他单手捧起秋晚迟的脸,强迫那双已经涣散的眼睛对上他的视线:“那我要给你标记了,只是临时的,你配合一下。”
秋晚迟嘴唇动了动,似乎想说什么,但只发出了一声破碎的气音。
钟鹤樵低下头,嘴唇贴上了秋晚迟后颈那块滚烫的皮肤。
那处滚烫的地方就是他的腺体,因为信期而充血肿胀,微微凸起,呈现出一种近乎透明的粉色,就像一颗熟透的果实,等着被人采撷。
钟鹤樵指腹落在脆弱的腺体上,轻轻揉了两下,才低下头,将犬齿抵上去。
秋晚迟仿佛察觉到危险般,身体下意识紧绷,挣扎着要躲开:“别……”
这个时候已经晚了,alpha的天性就是掠夺。
钟鹤樵牢牢将秋晚迟固定在自己怀里,潮湿连绵的雨水信息素,顺着齿尖不断注入omega的腺体,以一种不容拒绝的姿态入侵了那片翻涌的栀子花海。
秋晚迟整个人剧烈地一颤,发出一声短促的、近乎呜咽的呻吟,随即死死地咬住了下唇,把所有声音都吞了回去。

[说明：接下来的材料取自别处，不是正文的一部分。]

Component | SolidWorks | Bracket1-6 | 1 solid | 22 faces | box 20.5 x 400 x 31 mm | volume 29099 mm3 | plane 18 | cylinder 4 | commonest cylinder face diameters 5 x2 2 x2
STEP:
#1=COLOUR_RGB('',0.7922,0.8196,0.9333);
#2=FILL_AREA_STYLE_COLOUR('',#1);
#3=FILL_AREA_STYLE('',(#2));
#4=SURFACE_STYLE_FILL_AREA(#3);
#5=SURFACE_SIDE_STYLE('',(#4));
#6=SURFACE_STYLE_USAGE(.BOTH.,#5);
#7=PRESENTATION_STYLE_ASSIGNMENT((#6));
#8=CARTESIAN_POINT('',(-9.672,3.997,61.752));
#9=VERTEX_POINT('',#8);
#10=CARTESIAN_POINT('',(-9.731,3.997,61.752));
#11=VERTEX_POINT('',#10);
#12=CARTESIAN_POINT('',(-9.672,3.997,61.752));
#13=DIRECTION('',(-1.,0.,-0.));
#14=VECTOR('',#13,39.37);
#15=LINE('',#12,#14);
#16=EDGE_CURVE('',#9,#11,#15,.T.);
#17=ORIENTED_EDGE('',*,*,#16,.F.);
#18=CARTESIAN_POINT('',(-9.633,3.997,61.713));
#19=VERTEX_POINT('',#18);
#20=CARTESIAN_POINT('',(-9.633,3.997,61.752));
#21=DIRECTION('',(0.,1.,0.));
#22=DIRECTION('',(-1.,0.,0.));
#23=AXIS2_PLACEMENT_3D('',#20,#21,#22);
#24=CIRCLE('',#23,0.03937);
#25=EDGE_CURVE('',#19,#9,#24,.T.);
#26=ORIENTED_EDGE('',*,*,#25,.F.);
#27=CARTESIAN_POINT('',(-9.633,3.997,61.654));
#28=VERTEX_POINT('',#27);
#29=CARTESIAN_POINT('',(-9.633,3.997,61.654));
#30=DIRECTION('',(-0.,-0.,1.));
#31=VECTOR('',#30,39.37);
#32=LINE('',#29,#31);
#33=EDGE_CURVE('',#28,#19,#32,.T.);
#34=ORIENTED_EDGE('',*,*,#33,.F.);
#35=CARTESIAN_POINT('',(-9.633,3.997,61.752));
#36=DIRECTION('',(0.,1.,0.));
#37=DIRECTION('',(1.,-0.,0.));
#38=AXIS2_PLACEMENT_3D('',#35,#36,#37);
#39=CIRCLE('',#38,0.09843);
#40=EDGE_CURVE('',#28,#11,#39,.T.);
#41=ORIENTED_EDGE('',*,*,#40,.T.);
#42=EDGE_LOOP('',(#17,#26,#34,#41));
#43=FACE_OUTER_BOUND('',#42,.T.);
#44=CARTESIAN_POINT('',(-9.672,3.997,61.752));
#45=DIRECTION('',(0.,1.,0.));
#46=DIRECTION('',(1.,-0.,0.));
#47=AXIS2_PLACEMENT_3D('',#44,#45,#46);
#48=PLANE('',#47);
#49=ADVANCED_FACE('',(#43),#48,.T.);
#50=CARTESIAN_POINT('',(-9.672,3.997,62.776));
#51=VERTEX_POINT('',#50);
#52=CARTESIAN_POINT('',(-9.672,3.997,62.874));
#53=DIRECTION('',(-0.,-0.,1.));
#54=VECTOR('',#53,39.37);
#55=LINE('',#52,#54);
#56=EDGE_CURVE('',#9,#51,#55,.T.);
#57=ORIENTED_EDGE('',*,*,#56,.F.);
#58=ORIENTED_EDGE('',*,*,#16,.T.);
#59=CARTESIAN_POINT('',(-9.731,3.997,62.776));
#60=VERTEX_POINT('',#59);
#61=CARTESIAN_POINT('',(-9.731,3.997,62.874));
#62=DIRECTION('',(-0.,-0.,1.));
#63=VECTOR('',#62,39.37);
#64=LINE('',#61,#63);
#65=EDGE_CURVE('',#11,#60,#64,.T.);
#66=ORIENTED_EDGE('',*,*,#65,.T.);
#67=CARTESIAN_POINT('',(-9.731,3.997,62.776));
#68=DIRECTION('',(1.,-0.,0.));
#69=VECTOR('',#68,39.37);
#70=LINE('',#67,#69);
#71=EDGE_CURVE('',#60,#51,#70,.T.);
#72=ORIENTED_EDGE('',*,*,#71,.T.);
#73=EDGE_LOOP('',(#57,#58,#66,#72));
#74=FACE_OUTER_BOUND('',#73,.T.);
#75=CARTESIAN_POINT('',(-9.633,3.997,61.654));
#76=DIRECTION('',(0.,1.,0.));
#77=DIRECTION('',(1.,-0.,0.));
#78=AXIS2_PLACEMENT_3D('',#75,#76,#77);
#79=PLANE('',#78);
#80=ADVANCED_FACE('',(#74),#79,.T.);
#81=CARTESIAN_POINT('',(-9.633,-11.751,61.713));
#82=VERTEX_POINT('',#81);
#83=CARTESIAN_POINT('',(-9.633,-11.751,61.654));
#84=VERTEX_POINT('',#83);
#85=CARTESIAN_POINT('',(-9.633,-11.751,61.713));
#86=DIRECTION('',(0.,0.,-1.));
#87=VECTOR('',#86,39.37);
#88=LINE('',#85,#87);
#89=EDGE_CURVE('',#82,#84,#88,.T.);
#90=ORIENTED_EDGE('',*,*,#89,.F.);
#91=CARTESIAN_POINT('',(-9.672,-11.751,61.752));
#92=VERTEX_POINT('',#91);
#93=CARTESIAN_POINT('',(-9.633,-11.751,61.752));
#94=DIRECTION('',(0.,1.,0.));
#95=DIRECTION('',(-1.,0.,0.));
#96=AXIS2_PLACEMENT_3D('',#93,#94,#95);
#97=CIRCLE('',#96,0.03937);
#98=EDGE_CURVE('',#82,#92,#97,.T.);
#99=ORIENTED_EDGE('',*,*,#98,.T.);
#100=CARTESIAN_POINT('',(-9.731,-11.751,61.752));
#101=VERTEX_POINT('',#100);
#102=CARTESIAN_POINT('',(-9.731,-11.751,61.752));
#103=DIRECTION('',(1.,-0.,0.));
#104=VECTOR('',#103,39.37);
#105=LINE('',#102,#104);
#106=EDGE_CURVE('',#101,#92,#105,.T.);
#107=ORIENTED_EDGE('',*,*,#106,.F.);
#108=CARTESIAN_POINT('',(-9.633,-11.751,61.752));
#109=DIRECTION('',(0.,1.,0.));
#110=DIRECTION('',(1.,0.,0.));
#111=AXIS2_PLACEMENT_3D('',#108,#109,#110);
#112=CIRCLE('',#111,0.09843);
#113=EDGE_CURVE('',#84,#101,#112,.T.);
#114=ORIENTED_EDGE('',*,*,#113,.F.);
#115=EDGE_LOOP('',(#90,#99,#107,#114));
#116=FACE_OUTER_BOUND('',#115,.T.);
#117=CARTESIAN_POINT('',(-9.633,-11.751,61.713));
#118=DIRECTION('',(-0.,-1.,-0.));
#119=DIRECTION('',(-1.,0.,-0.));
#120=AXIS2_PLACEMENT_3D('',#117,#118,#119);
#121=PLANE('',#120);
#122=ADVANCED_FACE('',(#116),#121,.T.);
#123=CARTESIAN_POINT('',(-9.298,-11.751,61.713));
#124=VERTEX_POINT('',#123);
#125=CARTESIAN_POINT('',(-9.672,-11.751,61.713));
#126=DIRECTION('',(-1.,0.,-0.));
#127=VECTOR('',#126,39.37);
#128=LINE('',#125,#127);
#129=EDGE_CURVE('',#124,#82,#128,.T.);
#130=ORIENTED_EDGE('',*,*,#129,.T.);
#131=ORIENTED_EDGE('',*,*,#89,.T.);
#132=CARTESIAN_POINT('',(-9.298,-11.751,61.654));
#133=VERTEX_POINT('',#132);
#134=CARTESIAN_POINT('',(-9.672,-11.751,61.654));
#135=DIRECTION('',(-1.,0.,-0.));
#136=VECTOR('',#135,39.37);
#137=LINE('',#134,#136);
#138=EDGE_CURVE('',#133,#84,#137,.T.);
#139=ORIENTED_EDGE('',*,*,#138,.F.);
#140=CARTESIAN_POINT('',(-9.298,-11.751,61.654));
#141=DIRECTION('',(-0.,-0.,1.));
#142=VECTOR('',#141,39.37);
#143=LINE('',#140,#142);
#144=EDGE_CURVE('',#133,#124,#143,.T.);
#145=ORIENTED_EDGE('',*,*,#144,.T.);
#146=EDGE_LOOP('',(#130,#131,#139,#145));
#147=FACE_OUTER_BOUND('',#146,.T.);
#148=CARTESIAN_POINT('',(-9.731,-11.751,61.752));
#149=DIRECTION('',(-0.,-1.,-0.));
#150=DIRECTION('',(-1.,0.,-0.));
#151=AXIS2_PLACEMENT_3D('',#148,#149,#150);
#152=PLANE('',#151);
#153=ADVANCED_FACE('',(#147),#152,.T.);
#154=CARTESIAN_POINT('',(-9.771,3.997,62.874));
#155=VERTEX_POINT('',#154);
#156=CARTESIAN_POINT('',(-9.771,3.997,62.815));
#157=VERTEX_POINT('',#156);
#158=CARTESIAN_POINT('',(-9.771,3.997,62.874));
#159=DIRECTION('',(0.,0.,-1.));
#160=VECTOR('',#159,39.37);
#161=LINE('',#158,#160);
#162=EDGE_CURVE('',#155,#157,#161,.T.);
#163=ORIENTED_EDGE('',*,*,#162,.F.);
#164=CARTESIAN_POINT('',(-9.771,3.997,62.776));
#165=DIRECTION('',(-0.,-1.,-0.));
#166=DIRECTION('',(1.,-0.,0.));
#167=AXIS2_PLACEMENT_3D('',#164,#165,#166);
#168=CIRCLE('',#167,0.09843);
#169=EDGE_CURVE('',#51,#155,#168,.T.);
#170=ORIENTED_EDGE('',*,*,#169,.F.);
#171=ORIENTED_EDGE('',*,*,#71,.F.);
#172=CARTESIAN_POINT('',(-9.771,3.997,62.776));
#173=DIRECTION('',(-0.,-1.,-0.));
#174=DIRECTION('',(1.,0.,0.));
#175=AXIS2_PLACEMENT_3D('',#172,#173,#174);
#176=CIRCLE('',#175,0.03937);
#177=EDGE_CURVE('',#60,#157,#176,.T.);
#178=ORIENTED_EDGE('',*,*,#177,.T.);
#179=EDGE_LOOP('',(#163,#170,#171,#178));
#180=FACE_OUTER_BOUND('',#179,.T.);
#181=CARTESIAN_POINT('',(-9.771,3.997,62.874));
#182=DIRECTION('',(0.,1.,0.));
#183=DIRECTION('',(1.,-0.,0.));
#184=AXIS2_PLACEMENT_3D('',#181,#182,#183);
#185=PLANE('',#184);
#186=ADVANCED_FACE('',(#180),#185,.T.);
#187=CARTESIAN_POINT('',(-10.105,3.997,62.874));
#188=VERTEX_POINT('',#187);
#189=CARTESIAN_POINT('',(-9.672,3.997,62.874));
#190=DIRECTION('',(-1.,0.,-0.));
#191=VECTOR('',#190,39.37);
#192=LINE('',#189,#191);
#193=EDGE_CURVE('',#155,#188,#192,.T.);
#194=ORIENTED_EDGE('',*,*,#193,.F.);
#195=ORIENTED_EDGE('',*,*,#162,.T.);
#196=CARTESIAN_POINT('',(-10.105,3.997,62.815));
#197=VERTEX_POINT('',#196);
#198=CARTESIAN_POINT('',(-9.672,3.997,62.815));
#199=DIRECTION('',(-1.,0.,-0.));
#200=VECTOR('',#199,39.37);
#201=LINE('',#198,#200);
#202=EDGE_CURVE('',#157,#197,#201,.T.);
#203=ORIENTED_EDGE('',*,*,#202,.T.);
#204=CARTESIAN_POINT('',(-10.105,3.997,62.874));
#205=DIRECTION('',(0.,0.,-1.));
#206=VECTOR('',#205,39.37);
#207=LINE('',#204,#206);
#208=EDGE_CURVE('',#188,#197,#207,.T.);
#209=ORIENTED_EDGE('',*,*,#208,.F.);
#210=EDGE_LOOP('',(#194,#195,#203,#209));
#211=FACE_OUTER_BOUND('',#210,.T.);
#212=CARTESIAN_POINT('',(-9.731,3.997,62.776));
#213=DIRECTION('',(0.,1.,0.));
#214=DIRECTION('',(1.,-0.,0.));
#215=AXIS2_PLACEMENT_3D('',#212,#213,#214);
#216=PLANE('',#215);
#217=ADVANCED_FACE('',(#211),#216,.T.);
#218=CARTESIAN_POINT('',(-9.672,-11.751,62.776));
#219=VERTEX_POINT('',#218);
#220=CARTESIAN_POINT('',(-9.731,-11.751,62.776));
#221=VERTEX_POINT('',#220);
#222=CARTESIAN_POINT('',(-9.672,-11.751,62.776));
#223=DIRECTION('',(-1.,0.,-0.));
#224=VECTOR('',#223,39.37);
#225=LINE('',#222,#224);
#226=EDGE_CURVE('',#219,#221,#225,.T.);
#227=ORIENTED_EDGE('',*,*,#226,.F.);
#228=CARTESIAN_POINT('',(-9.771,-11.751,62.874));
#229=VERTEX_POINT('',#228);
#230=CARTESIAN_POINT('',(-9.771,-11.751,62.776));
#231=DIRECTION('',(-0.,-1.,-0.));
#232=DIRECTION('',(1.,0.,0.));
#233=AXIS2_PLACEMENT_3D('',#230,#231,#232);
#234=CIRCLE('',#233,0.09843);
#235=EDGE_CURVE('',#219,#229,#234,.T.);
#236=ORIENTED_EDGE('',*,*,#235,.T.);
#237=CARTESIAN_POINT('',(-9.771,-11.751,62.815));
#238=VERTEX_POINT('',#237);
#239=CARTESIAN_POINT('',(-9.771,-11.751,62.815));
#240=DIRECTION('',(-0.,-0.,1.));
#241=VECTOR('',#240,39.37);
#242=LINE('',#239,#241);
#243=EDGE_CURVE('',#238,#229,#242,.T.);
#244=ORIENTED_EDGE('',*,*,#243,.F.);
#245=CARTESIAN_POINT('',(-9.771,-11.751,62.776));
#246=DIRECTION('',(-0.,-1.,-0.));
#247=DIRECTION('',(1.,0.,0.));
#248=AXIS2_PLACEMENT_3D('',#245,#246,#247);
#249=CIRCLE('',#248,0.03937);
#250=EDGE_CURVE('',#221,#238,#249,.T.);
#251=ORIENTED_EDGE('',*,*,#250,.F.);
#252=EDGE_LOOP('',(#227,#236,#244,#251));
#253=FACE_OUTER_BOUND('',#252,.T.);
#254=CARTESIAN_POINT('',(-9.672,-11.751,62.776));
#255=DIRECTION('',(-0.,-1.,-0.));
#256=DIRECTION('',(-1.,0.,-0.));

钟鹤樵不断抚摸着他的后背,栀子花的气息在他的安抚下被雨水浸湿,逐渐收敛。
就在钟鹤樵松了口气,以为临时标记结束后,一切都平稳了的时候。
原本已经安静下去的信息素又忽然暴起,瞬间冲破雨水的笼罩,以一种更加汹涌的方式反扑回来。